I happen to have a Maltipoo so I can't speak specifically for either breed. I like to think I got the best of both. Bianca is a lovable, sweet, huggable and mischievous little fur ball who was very easy to train and sometimes astounds us by the things she does and understands. :wub: :wub: :wub:


----------



## jmm

I (ducking, too) have to agree that Poodles are easier learners than Maltese. I also agree with describing them as more sporty (a better companion for long walks and hiking). Personally, I think Poodle coats are waaaaay easier than Maltese coats. 

My Maltese tend to be a bit more laid back than most poodles. They're very trainable, but not with the intensity of a poodle.


----------



## godiva goddess

> There isn't any comparison. Maltese are perfect. :wub:[/B]


Agreed! haha... 

I never owned a poodle but its great that they are faster/easier trained by humans.

Maltese, however, TRAINS humans real fast. My Mia trained me from our first day..lol.. :wub: :wub:


----------



## MandyMc65

I think Maltese are wonderful little dogs!  
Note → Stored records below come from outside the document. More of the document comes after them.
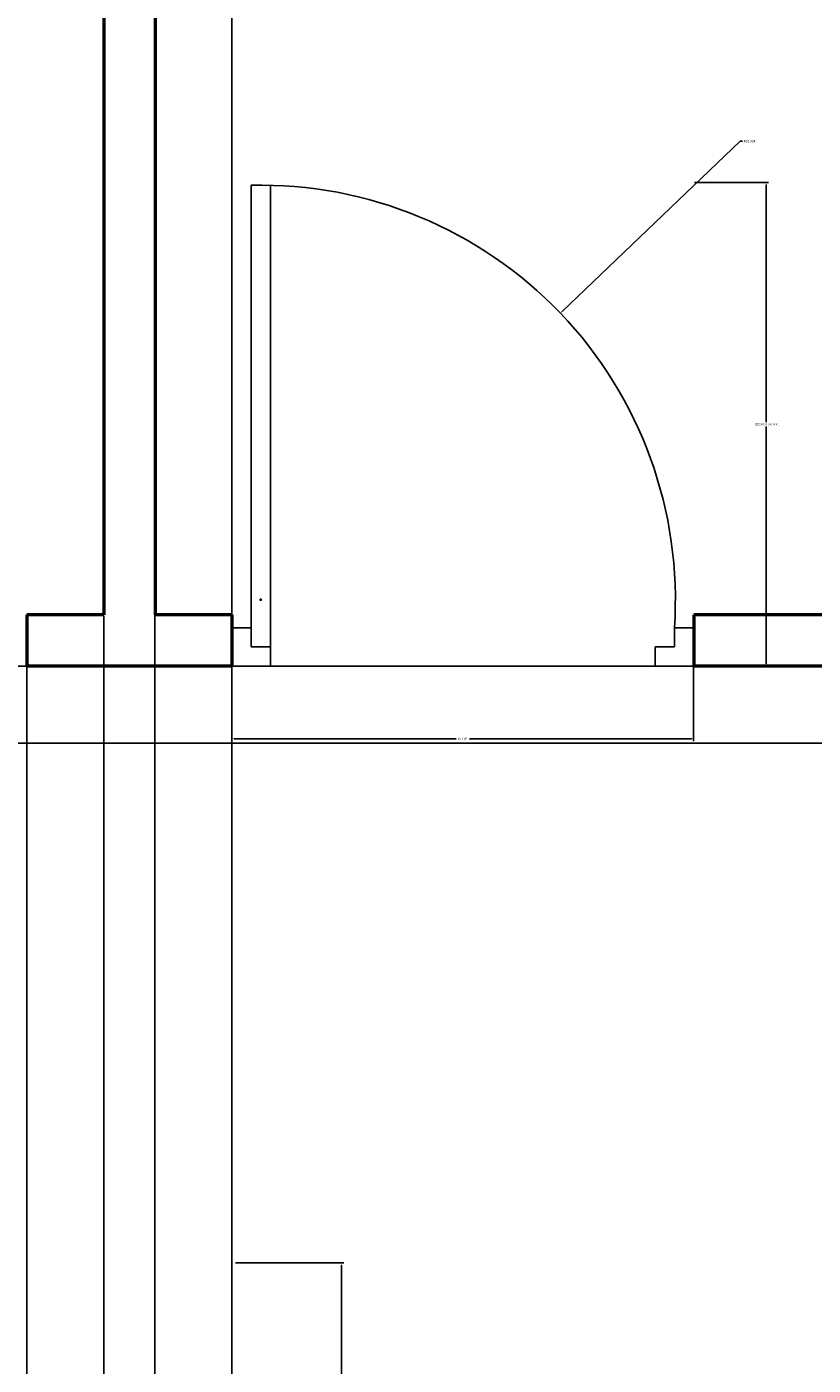
# Model space of a CAD drawing. Units: inches. Extents: x 1798 to 2141, y 1923 to 2386.
# Tile 7 of 9: x 1967 to 2028, y 2177 to 2281. Entities that reach past the tile are written whole.
import ezdxf

# ---------------------------------------------------------------- set-up
doc = ezdxf.new("R2010")
doc.units = ezdxf.units.IN
for name, color, linetype, lineweight in [('A-ANNO-DIMS', 2, 'Continuous', 18), ('A-FURN', 8, 'Continuous', 13), ('door', 40, 'Continuous', 25), ('wall', 4, 'Continuous', 50)]:
    doc.layers.add(name, color=color, linetype=linetype, lineweight=lineweight)
doc.styles.get("Standard").update_dxf_attribs({"font": 'arial.ttf'})
doc.dimstyles.get("Standard").update_dxf_attribs({"dimtxt": 0.18, "dimasz": 0.18, "dimexe": 0.18, "dimexo": 0.0625, "dimgap": 0.09, "dimtad": 0, "dimtih": 1, "dimtoh": 1, "dimdec": 4, "dimzin": 0, "dimdsep": 46, "dimtxsty": 'Standard', "dimcen": 0.09, "dimadec": 0, "dimazin": 0, "dimtfac": 1, "dimtdec": 4, "dimtofl": 0, "dimtmove": 0, "dimatfit": 3, "dimfxl": 1, "dimtolj": 1, "dimtzin": 0, "dimarcsym": 0})

# ---------------------------------------------------------------- blocks, each defined once
blk = doc.blocks.new('A$C45501D90')
for p, q in [((-242.2, 1133.5), (224, 1133.5)), ((-242.2, 1112.8), (-242.2, 1133.5)), ((224, 1112.8), (-242.2, 1112.8)), ((-242.2, 1111.2), (-202.3, 1079.2)), ((-156, 1109.6), (-132, 1085.6)), ((-108.1, 1109.6), (-84.1, 1085.6)), ((-60.2, 1109.6), (-36.2, 1085.6)), ((45.2, 1109.6), (21.2, 1085.6)), ((93.1, 1109.6), (69.1, 1085.6)), ((141, 1109.6), (117, 1085.6)), ((224, 1112.8), (187.3, 1079.2)), ((224, 1133.5), (224, 1112.8)), ((-203.9, 1106.4), (-165.6, 1108)), ((-168.8, 1080.8), (-203.9, 1106.4)), ((-202.3, 1079.2), (-168.8, 1080.8)), ((161.8, 1076.1), (-181.4, 1076.1)), ((-165.6, 1108), (-167.2, 1085.6)), ((-119.3, 1085.6), (-143.2, 1108)), ((-143.2, 1108), (-133.6, 1108)), ((-133.6, 1108), (-122.5, 1098.4)), ((-132, 1085.6), (-119.3, 1085.6)), ((-122.5, 1098.4), (-119.3, 1101.6)), ((-119.3, 1101.6), (-117.7, 1087.2)), ((-71.4, 1085.6), (-95.3, 1108)), ((-95.3, 1108), (-85.7, 1108)), ((-85.7, 1108), (-74.6, 1098.4)), ((-84.1, 1085.6), (-71.4, 1085.6)), ((-74.6, 1098.4), (-71.4, 1101.6)), ((-71.4, 1101.6), (-69.8, 1087.2)), ((-23.5, 1085.6), (-47.4, 1108)), ((-47.4, 1108), (-37.8, 1108)), ((-37.8, 1108), (-26.7, 1098.4)), ((-36.2, 1085.6), (-23.5, 1085.6)), ((-26.7, 1098.4), (-23.5, 1101.6)), ((-23.5, 1101.6), (-21.9, 1087.2)), ((8.5, 1101.6), (6.9, 1087.2)), ((8.5, 1085.6), (32.4, 1108)), ((11.6, 1098.4), (8.5, 1101.6)), ((21.2, 1085.6), (8.5, 1085.6)), ((22.8, 1108), (11.6, 1098.4)), ((32.4, 1108), (22.8, 1108)), ((56.3, 1101.6), (54.8, 1087.2)), ((56.3, 1085.6), (80.3, 1108)), ((59.5, 1098.4), (56.3, 1101.6)), ((69.1, 1085.6), (56.3, 1085.6)), ((70.7, 1108), (59.5, 1098.4)), ((80.3, 1108), (70.7, 1108)), ((104.2, 1101.6), (102.6, 1087.2)), ((104.2, 1085.6), (128.2, 1108)), ((107.4, 1098.4), (104.2, 1101.6)), ((117, 1085.6), (104.2, 1085.6)), ((118.6, 1108), (107.4, 1098.4)), ((128.2, 1108), (118.6, 1108)), ((188.9, 1106.4), (150.5, 1108)), ((150.5, 1108), (152.1, 1085.6)), ((153.7, 1080.8), (188.9, 1106.4)), ((187.3, 1079.2), (153.7, 1080.8)), ((-197.3, 1061.6), (-238.9, 627.6)), ((225.2, 627.8), (177.6, 1061.8)), ((842.6, 766.1), (860.5, 776.5)), ((860.5, 776.5), (1093.6, 372.8)), ((-1102.7, 357), (-869.7, 760.7)), ((-851.7, 750.4), (-1084.8, 346.6)), ((-869.7, 760.7), (-851.7, 750.4)), ((-848.7, 752.3), (-841, 701.8)), ((841.2, 765.3), (833.5, 714.8)), ((1075.7, 362.4), (842.6, 766.1)), ((851.7, 686.6), (856.2, 729.8)), ((856.2, 729.8), (876.7, 697.4)), ((-863.7, 716.7), (-884.3, 684.4)), ((-884.3, 684.4), (-864.1, 674.6)), ((-859.2, 673.6), (-863.7, 716.7)), ((-841, 701.8), (-859.2, 673.6)), ((-431.1, 509), (-830.8, 684.8)), ((820.7, 701.7), (424.1, 520.7)), ((833.5, 714.8), (851.7, 686.6)), ((1012.8, 397.9), (841.2, 695.1)), ((876.7, 697.4), (856.6, 687.6)), ((882.9, 689.9), (874.2, 657.2)), ((-851, 678.1), (-1022.6, 380.9)), ((-897.5, 642.2), (-901.9, 641.1)), ((-901.9, 641.1), (-890.2, 632.5)), ((-895.4, 665), (-900.2, 656.7)), ((-900.2, 656.7), (-897.5, 642.2)), ((-888.1, 633.1), (-895.4, 665)), ((-890.4, 676.9), (-881.7, 644.2)), ((-881.7, 644.2), (-888.1, 633.1)), ((874.2, 657.2), (880.6, 646.1)), ((880.6, 646.1), (887.9, 678)), ((894.4, 654.1), (882.7, 645.5)), ((887.9, 678), (892.7, 669.7)), ((892.7, 669.7), (890, 655.2)), ((890, 655.2), (894.4, 654.1)), ((906.9, 648.4), (898.1, 615.7)), ((-921.5, 600.8), (-925.8, 599.6)), ((-925.8, 599.6), (-914.2, 591)), ((-919.4, 623.5), (-924.2, 615.2)), ((-924.2, 615.2), (-921.5, 600.8)), ((-912, 591.6), (-919.4, 623.5)), ((-914.4, 635.4), (-905.6, 602.7)), ((-905.6, 602.7), (-912, 591.6)), ((-223, 610.1), (209.4, 610.1)), ((898.1, 615.7), (904.5, 604.6)), ((904.5, 604.6), (911.9, 636.5)), ((918.3, 612.6), (906.7, 604)), ((911.9, 636.5), (916.7, 628.2)), ((916.7, 628.2), (914, 613.8)), ((914, 613.8), (918.3, 612.6)), ((930.8, 606.9), (922.1, 574.2)), ((-945.4, 559.3), (-949.8, 558.1)), ((-949.8, 558.1), (-938.1, 549.6)), ((-943.3, 582), (-948.1, 573.8)), ((-948.1, 573.8), (-945.4, 559.3)), ((-936, 550.1), (-943.3, 582)), ((-938.3, 593.9), (-929.6, 561.2)), ((-929.6, 561.2), (-936, 550.1)), ((922.1, 574.2), (928.4, 563.1)), ((928.4, 563.1), (935.8, 595.1)), ((942.3, 571.1), (930.6, 562.6)), ((935.8, 595.1), (940.6, 586.8)), ((940.6, 586.8), (937.9, 572.3)), ((937.9, 572.3), (942.3, 571.1)), ((-951.9, 522.5), (-983.2, 512.9)), ((-983.2, 512.9), (-978.5, 521.2)), ((-978.5, 521.2), (-964.6, 526.1)), ((-964.6, 526.1), (-965.7, 530.5)), ((-965.7, 530.5), (-952.5, 524.7)), ((-958.3, 511.4), (-951.9, 522.5)), ((950.8, 524.4), (944.4, 535.5)), ((944.4, 535.5), (975.7, 525.9)), ((958.2, 543.5), (945, 537.7)), ((983.5, 515.7), (950.8, 524.4)), ((957.1, 539.1), (958.2, 543.5)), ((970.9, 534.2), (957.1, 539.1)), ((975.7, 525.9), (970.9, 534.2)), ((-1015, 461.2), (-982.3, 469.9)), ((-975.9, 481), (-1007.2, 471.4)), ((-1007.2, 471.4), (-1002.4, 479.7)), ((-1002.4, 479.7), (-988.5, 484.6)), ((-991, 502.7), (-958.3, 511.4)), ((-988.5, 484.6), (-989.7, 489)), ((-989.7, 489), (-976.5, 483.2)), ((-982.3, 469.9), (-975.9, 481)), ((-639.9, 111.9), (-423.7, 486.4)), ((-5.6, 508.7, 90.8), (0.4, 508.7, 90.8)), ((-5.6, 317.7, 90.8), (-5.6, 508.7, 90.8)), ((0.4, 508.7, 90.8), (0.4, 317.7, 90.8)), ((5.8, 317.7, 90.8), (5.8, 508.7, 90.8)), ((5.8, 508.7, 90.8), (11.8, 508.7, 90.8)), ((11.8, 508.7, 90.8), (11.8, 317.7, 90.8)), ((416.9, 498.2), (633.1, 123.7)), ((968.4, 494), (999.7, 484.4)), ((974.7, 483), (968.4, 494)), ((982.2, 502), (968.9, 496.2)), ((1007.4, 474.2), (974.7, 483)), ((981, 497.6), (982.2, 502)), ((994.9, 492.7), (981, 497.6)), ((999.7, 484.4), (994.9, 492.7)), ((-1038.9, 419.7), (-1006.2, 428.5)), ((-999.8, 439.5), (-1031.1, 430)), ((-1031.1, 430), (-1026.3, 438.3)), ((-1026.3, 438.3), (-1012.5, 443.1)), ((-1012.5, 443.1), (-1013.6, 447.5)), ((-1013.6, 447.5), (-1000.4, 441.7)), ((-1006.2, 428.5), (-999.8, 439.5)), ((998.7, 441.5), (992.3, 452.5)), ((992.3, 452.5), (1023.6, 443)), ((1006.1, 460.5), (992.9, 454.7)), ((1031.4, 432.7), (998.7, 441.5)), ((1005, 456.2), (1006.1, 460.5)), ((1018.8, 451.3), (1005, 456.2)), ((1023.6, 443), (1018.8, 451.3)), ((-1060.1, 376.6), (-1042.3, 410.6)), ((-1020.4, 394.3), (-1060.1, 376.6)), ((-1042.3, 410.6), (-1023.8, 398.1)), ((-1035.8, 364.4), (-1020.4, 394.3)), ((1028.3, 377.5), (1012.9, 407.3)), ((1012.9, 407.3), (1052.6, 389.6)), ((1034.8, 423.6), (1016.3, 411.1)), ((1052.6, 389.6), (1034.8, 423.6)), ((-1084.8, 346.6), (-1102.7, 357)), ((-1083.4, 345.8), (-1035.8, 364.4)), ((-1018, 360), (-663, 106.9)), ((-22.3, 329.1, 90.8), (-22.3, 344.6, 90.8)), ((-22.3, 344.6, 90.8), (-5.6, 344.6, 90.8)), ((0.4, 344.6, 90.8), (5.8, 344.6, 90.8)), ((11.8, 344.6, 90.8), (27.3, 344.6, 90.8)), ((27.3, 344.6, 90.8), (27.3, 329.1, 90.8)), ((656.3, 118.9), (1008.4, 377.1)), ((1075.9, 358.8), (1028.3, 377.5)), ((1093.6, 372.8), (1075.7, 362.4)), ((-5.6, 329.1, 90.8), (-22.3, 329.1, 90.8)), ((0.4, 317.7, 90.8), (-5.6, 317.7, 90.8)), ((5.8, 329.1, 90.8), (0.4, 329.1, 90.8)), ((11.8, 317.7, 90.8), (5.8, 317.7, 90.8)), ((27.3, 329.1, 90.8), (11.8, 329.1, 90.8)), ((-436.3, 265.3, 90.8), (-433.3, 270.5, 90.8)), ((-270.9, 169.9, 90.8), (-436.3, 265.3, 90.8)), ((-433.3, 270.5, 90.8), (-267.9, 175, 90.8)), ((-430.6, 275.2, 90.8), (-427.6, 280.3, 90.8)), ((-265.2, 179.7, 90.8), (-430.6, 275.2, 90.8)), ((-427.6, 280.3, 90.8), (-262.3, 184.9, 90.8)), ((-175.3, 276.1, 90.8), (-104.8, 293.2, 90.8)), ((-103.3, 252.4, 90.8), (-175.3, 276.1, 90.8)), ((-104.8, 293.2, 90.8), (-85.5, 278.4, 90.8)), ((-85.5, 278.4, 90.8), (-52.1, 293.9, 90.8)), ((9.5, 276.1, 90.8), (-59.5, 246.5, 90.8)), ((-52.1, 293.9, 90.8), (9.5, 276.1, 90.8)), ((134.3, 288, 90.8), (184.3, 235.5, 90.8)), ((149.7, 213.9, 90.8), (134.3, 288, 90.8)), ((255.2, 161.9, 90.8), (420.6, 257.3, 90.8)), ((420.6, 257.3, 90.8), (423.5, 252.2, 90.8)), ((-59.5, 246.5, 90.8), (-103.3, 252.4, 90.8)), ((166.5, 173, 90.8), (149.7, 213.9, 90.8)), ((184.3, 235.5, 90.8), (181.1, 211.4, 90.8)), ((423.5, 252.2, 90.8), (258.2, 156.7, 90.8)), ((260.9, 152, 90.8), (426.2, 247.5, 90.8)), ((429.2, 242.3, 90.8), (263.8, 146.9, 90.8)), ((426.2, 247.5, 90.8), (429.2, 242.3, 90.8)), ((-302.5, 168.8, 90.8), (-294.2, 183.3, 90.8)), ((-291.2, 188.5, 90.8), (-288.5, 193.1, 90.8)), ((-280.7, 175.5, 90.8), (-289.1, 161.1, 90.8)), ((-285.5, 198.3, 90.8), (-277.8, 211.7, 90.8)), ((-277.8, 211.7, 90.8), (-264.3, 204, 90.8)), ((-275.1, 185.4, 90.8), (-277.8, 180.7, 90.8)), ((-264.3, 204, 90.8), (-272.1, 190.5, 90.8)), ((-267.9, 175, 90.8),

When I was little we had a toy poodle. He was very, very smart, but I don't know if I'd say smarter than a Maltese. I think the Maltese is a lot smarter than what we think. They know what you want them to do, but also know how to get what they want from you! Whereas the poodle is probably doing what you want, without necessarily wanting anything in return, therefore seeming to "get it" faster and easier.

As for the coats, a Maltese coat is way more difficult to maintain and they are a more fragile dog.

I, however, would never choose any other little dog. It will always be a Maltese :wub:


----------



## kodie

> I am a life long poodle person and have had a maltese for almost a year now.
> 
> Here is my observation of my present poodle and my maltese
> 
> The poodle is more intelligent (ducking for cover here) but the maltese is plenty smart too.
> By this I mean the poodle understands everything immediately. The maltese goes "Oh ya! That must be what she wants!"
> The poodle is more sporty in physique and activities but the maltese is more huggable
> The poodle hair is easier to keep groomed. The maltese needs to be constantly combed and brushed and still matts!
> 
> I adore them both though and here is my old sig picture of my two breeds together. They are bestest friends.
> 
> 
> 
> 
> 
> 
> 
> 
> [/B]





> I use to own a poodle and she was great, but nothing beats the love, loyalty and cuddles a maltese will give you. I have two maltese now and I would never change breeds. :wub: :wub: :wub:[/B]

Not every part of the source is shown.